A grant allowed us to leverage the skills of the CSIRO and their vastly experienced Fluids Engineering Group as part of the ongoing, iterative development of our heat exchanger design.
By 2017, this heat exchanger would be the ultimate reward for our collective efforts, leading to Conflux’s seed funding, and the starting point from where all our product families have evolved. The realisation of this design was seminal to our business.
Heat exchange is a thermodynamic technology used across many industries, with its application in motorsport being one of the more complex due to the harsh performance environments and the demand for smaller, more efficient and lighter components. In the minds of F1 engineers, aerodynamics is king – similar to the requirements of aviation – so immense importance is placed on the ability to optimise the motor vehicle shape to maximum aerodynamic advantage using all the integrated parts and systems under the skin of the vehicle.
In developing our this heat exchanger, we were challenged with proving that AM – a form of manufacturing still relatively young in its maturity cycle – could adequately compete, and even beat, traditional manufacturing processes in creating lighter weight and higher performing heat exchangers. Similarly, the utilisation of 3D printing in heat exchanger development had been extremely limited up until this point, with many naysayers believing it could not be applied to heat exchangers at all.
To prove viability of our heat exchanger for a Formula One application, we needed to design for a series of boundary conditions. This involved the development of cutting-edge geometries – high surface area density, combined with optimised fluid pathways and 3D surface features – that were rigorously tested to determine exactly what was possible, and what would provide the best performance standards.
Given we were pushing the boundaries of AM capabilities, we faced many hurdles with the production. The walls of the heat exchanger needed to be very thin, with sub-optimal build angles and good material properties. This meant that we failed repeatedly but, ultimately, were able to learn from our failures because each attempt helped establish a new baseline for parameters in the machine and design.
Powder removal was extremely complex, requiring multiple steps to successfully produce powder-free components. However, with this challenge, we accelerated our understanding of the behaviour of the powder in different environments. It also demonstrated how we could optimise powder removal in future parts, as well as design tweaks, so we could streamline the process.
With this design, we were charting new territory and, concurrently, creating a new industry baseline from our early learnings and R&D for others to follow. Not surprising, this was not an easy road to travel. Our team was constantly challenged with not just developing a new standard in heat exchangers but also with simulating, manufacturing and post-processing a pioneering form of technology.

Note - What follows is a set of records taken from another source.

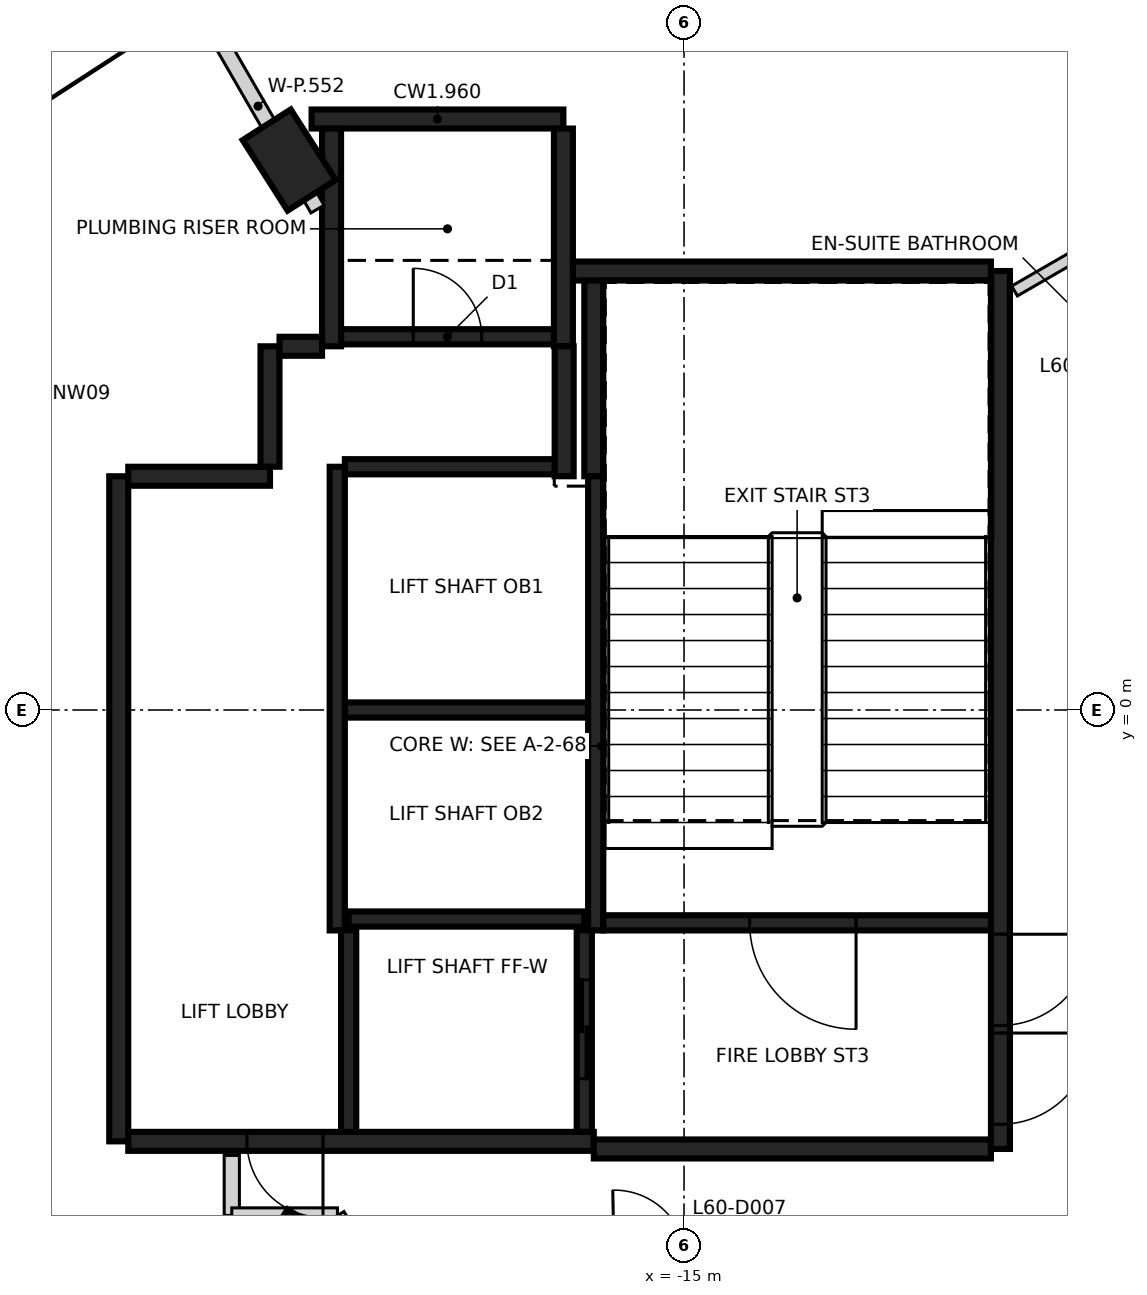
"""IFC4 building model, lengths in metres.
Left out: names, types, materials, properties, quantities, classifications, styles, units other than length and angle.
Written with IfcOpenShell. Run it as: python <this file> out.ifc"""

import sys

from ifc_helpers import new_model, si_unit, direction, frame, frame_2d, origin, origin_2d, place, context, subcontext, project, spatial, rectangle, extrude, element, fill, save


model = new_model("IFC4")
c1 = context("Model", 3, precision=1e-05, world=origin(), true_north=direction((0.0, 1.0)))
c2 = subcontext(c1, "Body", "Model", "MODEL_VIEW")
j1 = project(units=[si_unit("LENGTHUNIT", "METRE"), si_unit("PLANEANGLEUNIT", "RADIAN")], contexts=[c1])
p1 = place(None, origin())
s1 = spatial("IfcSite", under=j1, at=p1, CompositionType="ELEMENT")
p2 = place(p1, origin())
s2 = spatial("IfcBuilding", under=s1, at=p2, CompositionType="ELEMENT")
p3 = place(p2, frame((0.0, 0.0, 239.4)))
s3 = spatial("IfcBuildingStorey", under=s2, at=p3, CompositionType="ELEMENT", Elevation=239.4)
for number, where, z_axis, x_axis in (
    (1, (-20.195, 7.235, -0.35), (0.0, 0.0, 1.0), (-0.538, 0.843, 0.0)),
    (2, (-20.195, -7.235, -0.35), (0.0, 0.0, 1.0), (0.538, 0.843, 0.0)),
):
    element("IfcColumn", number, at=place(p3, frame(where, z_axis=z_axis, x_axis=x_axis)), inside=s3, PredefinedType="COLUMN", context=c2, shape_type="SweptSolid", body=[
        extrude(rectangle(XDim=1.1, YDim=0.75, at=origin_2d()), origin(), (0.0, 0.0, 1.0), 3.6),
    ])
p4 = place(p3, frame((-10.837, 5.775, 0.0), z_axis=(0.0, 0.0, 1.0), x_axis=(0.0, -1.0, 0.0)))
e3 = element("IfcWall", 3, at=p4, inside=s3, PredefinedType="SHEAR", context=c2, shape_type="SweptSolid", body=[
    extrude(rectangle(XDim=11.55, YDim=0.25, at=frame_2d((5.775, 0.0))), origin(), (0.0, 0.0, 1.0), 3.25),
])
p5 = place(p4, frame((10.025, 0.0, 0.0)))
e4 = element("IfcOpeningElement", 4, at=p5, cuts=e3, PredefinedType="OPENING", context=c2, shape_type="SweptSolid", body=[
    extrude(rectangle(XDim=1.2, YDim=2.1, at=frame_2d((0.6, 1.05))), frame((0.0, 0.135, 0.0), z_axis=(0.0, -1.0, 0.0), x_axis=(1.0, 0.0, 0.0)), (0.0, 0.0, 1.0), 0.27),
])
p6 = place(p4, frame((8.725, 0.0, 0.0)))
e5 = element("IfcOpeningElement", 5, at=p6, cuts=e3, PredefinedType="OPENING", context=c2, shape_type="SweptSolid", body=[
    extrude(rectangle(XDim=1.2, YDim=2.1, at=frame_2d((0.6, 1.05))), frame((0.0, 0.135, 0.0), z_axis=(0.0, -1.0, 0.0), x_axis=(1.0, 0.0, 0.0)), (0.0, 0.0, 1.0), 0.27),
])
p7 = place(p3, frame((-22.437, -5.675, 0.0), z_axis=(0.0, 0.0, 1.0), x_axis=(0.0, 1.0, 0.0)))
e6 = element("IfcWall", 6, at=p7, inside=s3, PredefinedType="SHEAR", context=c2, shape_type="SweptSolid", body=[
    extrude(rectangle(XDim=8.75, YDim=0.25, at=frame_2d((4.375, 0.0))), origin(), (0.0, 0.0, 1.0), 3.25),
])
p8 = place(p3, frame((-16.187, -5.675, 0.0), z_axis=(0.0, 0.0, 1.0), x_axis=(-1.0, 0.0, 0.0)))
e7 = element("IfcWall", 7, at=p8, inside=s3, PredefinedType="SHEAR", context=c2, shape_type="SweptSolid", body=[
    extrude(rectangle(XDim=6.125, YDim=0.25, at=frame_2d((3.062, 0.0))), origin(), (0.0, 0.0, 1.0), 3.25),
])
p9 = place(p8, frame((3.563, 0.0, 0.0)))
e8 = element("IfcOpeningElement", 8, at=p9, cuts=e7, PredefinedType="OPENING", context=c2, shape_type="SweptSolid", body=[
    extrude(rectangle(XDim=1.0, YDim=2.1, at=frame_2d((0.5, 1.05))), frame((0.0, 0.135, 0.0), z_axis=(0.0, -1.0, 0.0), x_axis=(1.0, 0.0, 0.0)), (0.0, 0.0, 1.0), 0.27),
])
p10 = place(p3, frame((-10.963, -5.775, 0.0), z_axis=(0.0, 0.0, 1.0), x_axis=(-1.0, 0.0, 0.0)))
e9 = element("IfcWall", 9, at=p10, inside=s3, PredefinedType="SHEAR", context=c2, shape_type="SweptSolid", body=[
    extrude(rectangle(XDim=5.225, YDim=0.25, at=frame_2d((2.612, 0.0))), origin(), (0.0, 0.0, 1.0), 3.25),
])
p11 = place(p3, frame((-16.472, 5.775, 0.0), z_axis=(0.0, 0.0, 1.0), x_axis=(1.0, 0.0, 0.0)))
e10 = element("IfcWall", 10, at=p11, inside=s3, PredefinedType="SHEAR", context=c2, shape_type="SweptSolid", body=[
    extrude(rectangle(XDim=5.51, YDim=0.25, at=frame_2d((2.755, 0.0))), origin(), (0.0, 0.0, 1.0), 3.25),
])
p12 = place(p3, frame((-19.9, 7.775, 0.0), z_axis=(0.0, 0.0, 1.0), x_axis=(1.0, 0.0, 0.0)))
e11 = element("IfcWall", 11, at=p12, inside=s3, PredefinedType="SHEAR", context=c2, shape_type="SweptSolid", body=[
    extrude(rectangle(XDim=3.313, YDim=0.25, at=frame_2d((1.656, 0.0))), origin(), (0.0, 0.0, 1.0), 3.25),
])
for number, where, z_axis, x_axis in (
    (12, (-16.587, 7.65, 0.0), (0.0, 0.0, 1.0), (0.0, -1.0, 0.0)),
    (13, (-19.637, 4.785, 0.0), (0.0, 0.0, 1.0), (0.0, 1.0, 0.0)),
):
    element("IfcWall", number, at=place(p3, frame(where, z_axis=z_axis, x_axis=x_axis)), inside=s3, PredefinedType="SHEAR", context=c2, shape_type="SweptSolid", body=[
        extrude(rectangle(XDim=2.865, YDim=0.25, at=frame_2d((1.432, 0.0))), origin(), (0.0, 0.0, 1.0), 3.25),
    ])
p13 = place(p3, frame((-16.187, 3.075, 0.0), z_axis=(0.0, 0.0, 1.0), x_axis=(0.0, 1.0, 0.0)))
e14 = element("IfcWall", 14, at=p13, inside=s3, PredefinedType="SHEAR", context=c2, shape_type="SweptSolid", body=[
    extrude(rectangle(XDim=2.575, YDim=0.25, at=frame_2d((1.287, 0.0))), origin(), (0.0, 0.0, 1.0), 3.25),
])
p14 = place(p3, frame((-22.312, 3.075, 0.0), z_axis=(0.0, 0.0, 1.0), x_axis=(1.0, 0.0, 0.0)))
e15 = element("IfcWall", 15, at=p14, inside=s3, PredefinedType="SHEAR", context=c2, shape_type="SweptSolid", body=[
    extrude(rectangle(XDim=1.865, YDim=0.25, at=frame_2d((0.932, 0.0))), origin(), (0.0, 0.0, 1.0), 3.25),
])
p15 = place(p3, frame((-16.577, 4.785, 0.0), z_axis=(0.0, 0.0, 1.0), x_axis=(0.0, -1.0, 0.0)))
e16 = element("IfcWall", 16, at=p15, inside=s3, PredefinedType="SHEAR", context=c2, shape_type="SweptSolid", body=[
    extrude(rectangle(XDim=1.71, YDim=0.25, at=frame_2d((0.855, 0.0))), origin(), (0.0, 0.0, 1.0), 3.25),
])
p16 = place(p3, frame((-20.447, 3.2, 0.0), z_axis=(0.0, 0.0, 1.0), x_axis=(0.0, 1.0, 0.0)))
e17 = element("IfcWall", 17, at=p16, inside=s3, PredefinedType="SHEAR", context=c2, shape_type="SweptSolid", body=[
    extrude(rectangle(XDim=1.584, YDim=0.25, at=frame_2d((0.792, 0.0))), origin(), (0.0, 0.0, 1.0), 3.25),
])
p17 = place(p3, frame((-20.322, 4.785, 0.0), z_axis=(0.0, 0.0, 1.0), x_axis=(1.0, 0.0, 0.0)))
e18 = element("IfcWall", 18, at=p17, inside=s3, PredefinedType="SHEAR", context=c2, shape_type="SweptSolid", body=[
    extrude(rectangle(XDim=0.559, YDim=0.25, at=frame_2d((0.28, 0.0))), origin(), (0.0, 0.0, 1.0), 3.25),
])
p18 = place(p3, frame((-16.162, 3.074, 0.0), z_axis=(0.0, 0.0, 1.0), x_axis=(0.0, -1.0, 0.0)))
e19 = element("IfcWall", 19, at=p18, inside=s3, PredefinedType="SHEAR", context=c2, shape_type="SweptSolid", body=[
    extrude(rectangle(XDim=5.974, YDim=0.2, at=frame_2d((2.987, 0.0))), origin(), (0.0, 0.0, 1.0), 3.25),
])
p19 = place(p3, frame((-19.562, -2.9, 0.0), z_axis=(0.0, 0.0, 1.0), x_axis=(0.0, 1.0, 0.0)))
e20 = element("IfcWall", 20, at=p19, inside=s3, PredefinedType="SHEAR", context=c2, shape_type="SweptSolid", body=[
    extrude(rectangle(XDim=6.1, YDim=0.2, at=frame_2d((3.05, 0.0))), origin(), (0.0, 0.0, 1.0), 3.25),
])
p20 = place(p3, frame((-10.963, -2.8, 0.0), z_axis=(0.0, 0.0, 1.0), x_axis=(-1.0, 0.0, 0.0)))
e21 = element("IfcWall", 21, at=p20, inside=s3, PredefinedType="SHEAR", context=c2, shape_type="SweptSolid", body=[
    extrude(rectangle(XDim=5.098, YDim=0.2, at=frame_2d((2.549, 0.0))), origin(), (0.0, 0.0, 1.0), 3.25),
])
p21 = place(p20, frame((1.774, 0.0, 0.0)))
e22 = element("IfcOpeningElement", 22, at=p21, cuts=e21, PredefinedType="OPENING", context=c2, shape_type="SweptSolid", body=[
    extrude(rectangle(XDim=1.4, YDim=2.1, at=frame_2d((0.7, 1.05))), frame((0.0, 0.11, 0.0), z_axis=(0.0, -1.0, 0.0), x_axis=(1.0, 0.0, 0.0)), (0.0, 0.0, 1.0), 0.22),
])
p22 = place(p3, frame((-16.263, 0.0, 0.0), z_axis=(0.0, 0.0, 1.0), x_axis=(-1.0, 0.0, 0.0)))
e23 = element("IfcWall", 23, at=p22, inside=s3, PredefinedType="SHEAR", context=c2, shape_type="SweptSolid", body=[
    extrude(rectangle(XDim=3.198, YDim=0.2, at=frame_2d((1.599, 0.0))), origin(), (0.0, 0.0, 1.0), 3.25),
])
p23 = place(p3, frame((-19.511, 4.91, 0.0), z_axis=(0.0, 0.0, 1.0), x_axis=(1.0, 0.0, 0.0)))
e24 = element("IfcWall", 24, at=p23, inside=s3, PredefinedType="SHEAR", context=c2, shape_type="SweptSolid", body=[
    extrude(rectangle(XDim=2.798, YDim=0.2, at=frame_2d((1.399, 0.0))), origin(), (0.0, 0.0, 1.0), 3.25),
])
p24 = place(p23, frame((0.949, 0.0, 0.0)))
e25 = element("IfcOpeningElement", 25, at=p24, cuts=e24, PredefinedType="OPENING", context=c2, shape_type="SweptSolid", body=[
    extrude(rectangle(XDim=0.9, YDim=2.1, at=frame_2d((0.45, 1.05))), frame((0.0, 0.11, 0.0), z_axis=(0.0, -1.0, 0.0), x_axis=(1.0, 0.0, 0.0)), (0.0, 0.0, 1.0), 0.22),
])
p25 = place(p3, frame((-19.462, 3.2, 0.0), z_axis=(0.0, 0.0, 1.0), x_axis=(1.0, 0.0, 0.0)))
e26 = element("IfcWall", 26, at=p25, inside=s3, PredefinedType="SHEAR", context=c2, shape_type="SweptSolid", body=[
    extrude(rectangle(XDim=2.759, YDim=0.2, at=frame_2d((1.379, 0.0))), origin(), (0.0, 0.0, 1.0), 3.25),
])
p26 = place(p3, frame((-19.412, -2.75, 0.0), z_axis=(0.0, 0.0, 1.0), x_axis=(1.0, 0.0, 0.0)))
e27 = element("IfcWall", 27, at=p26, inside=s3, PredefinedType="SHEAR", context=c2, shape_type="SweptSolid", body=[
    extrude(rectangle(XDim=3.1, YDim=0.2, at=frame_2d((1.55, 0.0))), origin(), (0.0, 0.0, 1.0), 3.25),
])
p27 = place(p3, frame((-16.312, -2.898, 0.0), z_axis=(0.0, 0.0, 1.0), x_axis=(0.0, -1.0, 0.0)))
e28 = element("IfcWall", 28, at=p27, inside=s3, PredefinedType="SHEAR", context=c2, shape_type="SweptSolid", body=[
    extrude(rectangle(XDim=2.651, YDim=0.2, at=frame_2d((1.325, 0.0))), origin(), (0.0, 0.0, 1.0), 3.25),
])
p28 = place(p27, frame((0.652, 0.0, 0.0)))
e29 = element("IfcOpeningElement", 29, at=p28, cuts=e28, PredefinedType="OPENING", context=c2, shape_type="SweptSolid", body=[
    extrude(rectangle(XDim=1.3, YDim=2.1, at=frame_2d((0.65, 1.05))), frame((0.0, 0.11, 0.0), z_axis=(0.0, -1.0, 0.0), x_axis=(1.0, 0.0, 0.0)), (0.0, 0.0, 1.0), 0.22),
])
p29 = place(p3, frame((-19.412, -5.549, 0.0), z_axis=(0.0, 0.0, 1.0), x_axis=(0.0, 1.0, 0.0)))
e30 = element("IfcWall", 30, at=p29, inside=s3, PredefinedType="SHEAR", context=c2, shape_type="SweptSolid", body=[
    extrude(rectangle(XDim=2.651, YDim=0.2, at=frame_2d((1.325, 0.0))), origin(), (0.0, 0.0, 1.0), 3.25),
])
p30 = place(p3, frame((-20.95, -6.65, 0.0), z_axis=(0.0, 0.0, 1.0), x_axis=(0.0, 1.0, 0.0)))
e31 = element("IfcWall", 31, at=p30, inside=s3, PredefinedType="PARTITIONING", context=c2, shape_type="SweptSolid", body=[
    extrude(rectangle(XDim=0.79, YDim=0.2, at=frame_2d((0.395, 0.0))), origin(), (0.0, 0.0, 1.0), 2.35),
])
p31 = place(p3, frame((-20.95, -6.65, 0.0), z_axis=(0.0, 0.0, 1.0), x_axis=(1.0, 0.0, 0.0)))
e32 = element("IfcWall", 32, at=p31, inside=s3, PredefinedType="PARTITIONING", context=c2, shape_type="SweptSolid", body=[
    extrude(rectangle(XDim=1.39, YDim=0.2, at=frame_2d((0.695, 0.0))), origin(), (0.0, 0.0, 1.0), 2.35),
])
p32 = place(p3, frame((-19.56, -6.65, 0.0), z_axis=(0.0, 0.0, 1.0), x_axis=(0.517618709346, -0.855611402294, 0.0)))
e33 = element("IfcWall", 33, at=p32, inside=s3, PredefinedType="PARTITIONING", context=c2, shape_type="SweptSolid", body=[
    extrude(rectangle(XDim=0.792, YDim=0.2, at=frame_2d((0.396, 0.0))), origin(), (0.0, 0.0, 1.0), 3.25),
])
p33 = place(p3, frame((-9.931, -7.149, 0.0), z_axis=(0.0, 0.0, 1.0), x_axis=(0.499934418432, 0.86606326401, 0.0)))
e34 = element("IfcWall", 34, at=p33, inside=s3, PredefinedType="PARTITIONING", context=c2, shape_type="SweptSolid", body=[
    extrude(rectangle(XDim=3.556, YDim=0.2, at=frame_2d((1.778, 0.0))), origin(), (0.0, 0.0, 1.0), 3.25),
])
p34 = place(p3, frame((-21.386, 9.298, 0.0), z_axis=(0.0, 0.0, 1.0), x_axis=(0.500017489778, -0.866015305821, 0.0)))
e35 = element("IfcWall", 35, at=p34, inside=s3, PredefinedType="PARTITIONING", context=c2, shape_type="SweptSolid", body=[
    extrude(rectangle(XDim=3.128, YDim=0.2, at=frame_2d((1.564, 0.0))), origin(), (0.0, 0.0, 1.0), 3.25),
])
p35 = place(p3, frame((-12.407, -14.806, 0.0), z_axis=(0.0, 0.0, 1.0), x_axis=(0.500104175471, 0.865965249693, 0.0)))
e36 = element("IfcWall", 36, at=p35, inside=s3, PredefinedType="PARTITIONING", context=c2, shape_type="SweptSolid", body=[
    extrude(rectangle(XDim=11.423, YDim=0.2, at=frame_2d((5.711, 0.0))), origin(), (0.0, 0.0, 1.0), 2.35),
])
p36 = place(p3, frame((-10.652, 5.512, 0.0), z_axis=(0.0, 0.0, 1.0), x_axis=(0.866017156151, 0.500014285048, 0.0)))
e37 = element("IfcWall", 37, at=p36, inside=s3, PredefinedType="PARTITIONING", context=c2, shape_type="SweptSolid", body=[
    extrude(rectangle(XDim=1.931, YDim=0.15, at=frame_2d((0.966, 0.0))), origin(), (0.0, 0.0, 1.0), 3.25),
])
p37 = place(p28, origin())
e38 = element("IfcDoor", 38, at=p37, inside=s3, OperationType="SLIDING_TO_LEFT", PredefinedType="DOOR", context=c2, shape_type="SweptSolid", body=[
    extrude(rectangle(XDim=1.3, YDim=2.1, at=frame_2d((0.65, 1.05))), frame((0.0, 0.025, 0.0), z_axis=(0.0, -1.0, 0.0), x_axis=(1.0, 0.0, 0.0)), (0.0, 0.0, 1.0), 0.05),
])
fill(e29, e38)
p38 = place(p9, origin())
e39 = element("IfcDoor", 39, at=p38, inside=s3, OperationType="SINGLE_SWING_LEFT", PredefinedType="DOOR", context=c2, shape_type="SweptSolid", body=[
    extrude(rectangle(XDim=1.0, YDim=2.1, at=frame_2d((0.5, 1.05))), frame((0.0, 0.025, 0.0), z_axis=(0.0, -1.0, 0.0), x_axis=(1.0, 0.0, 0.0)), (0.0, 0.0, 1.0), 0.05),
])
fill(e8, e39)
p39 = place(p5, origin())
e40 = element("IfcDoor", 40, at=p39, inside=s3, OperationType="SINGLE_SWING_LEFT", PredefinedType="DOOR", context=c2, shape_type="SweptSolid", body=[
    extrude(rectangle(XDim=1.2, YDim=2.1, at=frame_2d((0.6, 1.05))), frame((0.0, 0.025, 0.0), z_axis=(0.0, -1.0, 0.0), x_axis=(1.0, 0.0, 0.0)), (0.0, 0.0, 1.0), 0.05),
])
fill(e4, e40)
p40 = place(p6, origin())
e41 = element("IfcDoor", 41, at=p40, inside=s3, OperationType="SINGLE_SWING_RIGHT", PredefinedType="DOOR", context=c2, shape_type="SweptSolid", body=[
    extrude(rectangle(XDim=1.2, YDim=2.1, at=frame_2d((0.6, 1.05))), frame((0.0, 0.025, 0.0), z_axis=(0.0, -1.0, 0.0), x_axis=(1.0, 0.0, 0.0)), (0.0, 0.0, 1.0), 0.05),
])
fill(e5, e41)
p41 = place(p21, origin())
e42 = element("IfcDoor", 42, at=p41, inside=s3, OperationType="SINGLE_SWING_LEFT", PredefinedType="DOOR", context=c2, shape_type="SweptSolid", body=[
    extrude(rectangle(XDim=1.4, YDim=2.1, at=frame_2d((0.7, 1.05))), frame((0.0, 0.025, 0.0), z_axis=(0.0, -1.0, 0.0), x_axis=(1.0, 0.0, 0.0)), (0.0, 0.0, 1.0), 0.05),
])
fill(e22, e42)
p42 = place(p24, origin())
e43 = element("IfcDoor", 43, at=p42, inside=s3, OperationType="SINGLE_SWING_RIGHT", PredefinedType="DOOR", context=c2, shape_type="SweptSolid", body=[
    extrude(rectangle(XDim=0.9, YDim=2.1, at=frame_2d((0.45, 1.05))), frame((0.0, 0.025, 0.0), z_axis=(0.0, -1.0, 0.0), x_axis=(1.0, 0.0, 0.0)), (0.0, 0.0, 1.0), 0.05),
])
fill(e25, e43)
save(model, sys.argv[1])

After a rapid proof-of-concept development program of six prototypes in six months, the final iteration of our heat exchanger was built and then patented in 2015. With it, we overcame all design, production and post-production challenges to unlock the potential of heat exchange technology using additive manufacturing – an achievement that many deemed impossible. We also demonstrated that having the freedom to package such a device in non-standard shapes was a huge benefit to integration, while being both smaller and lighter than previous heat exchangers.
Heat transfer and pressure drop target across series of boundary conditions were confidently met. Cutting-edge geometries were accurately printed at intricate build angles. These lead to performance standards that went beyond what was previously attainable through conventional manufacturing.
We succeeded in aligning agile, iterative design with rapid prototyping and testing. The vertical integration of this ‘design, simulation, build and test’ model has since proven so effective that it has become the framework for our customer engagement on consecutive projects across the years.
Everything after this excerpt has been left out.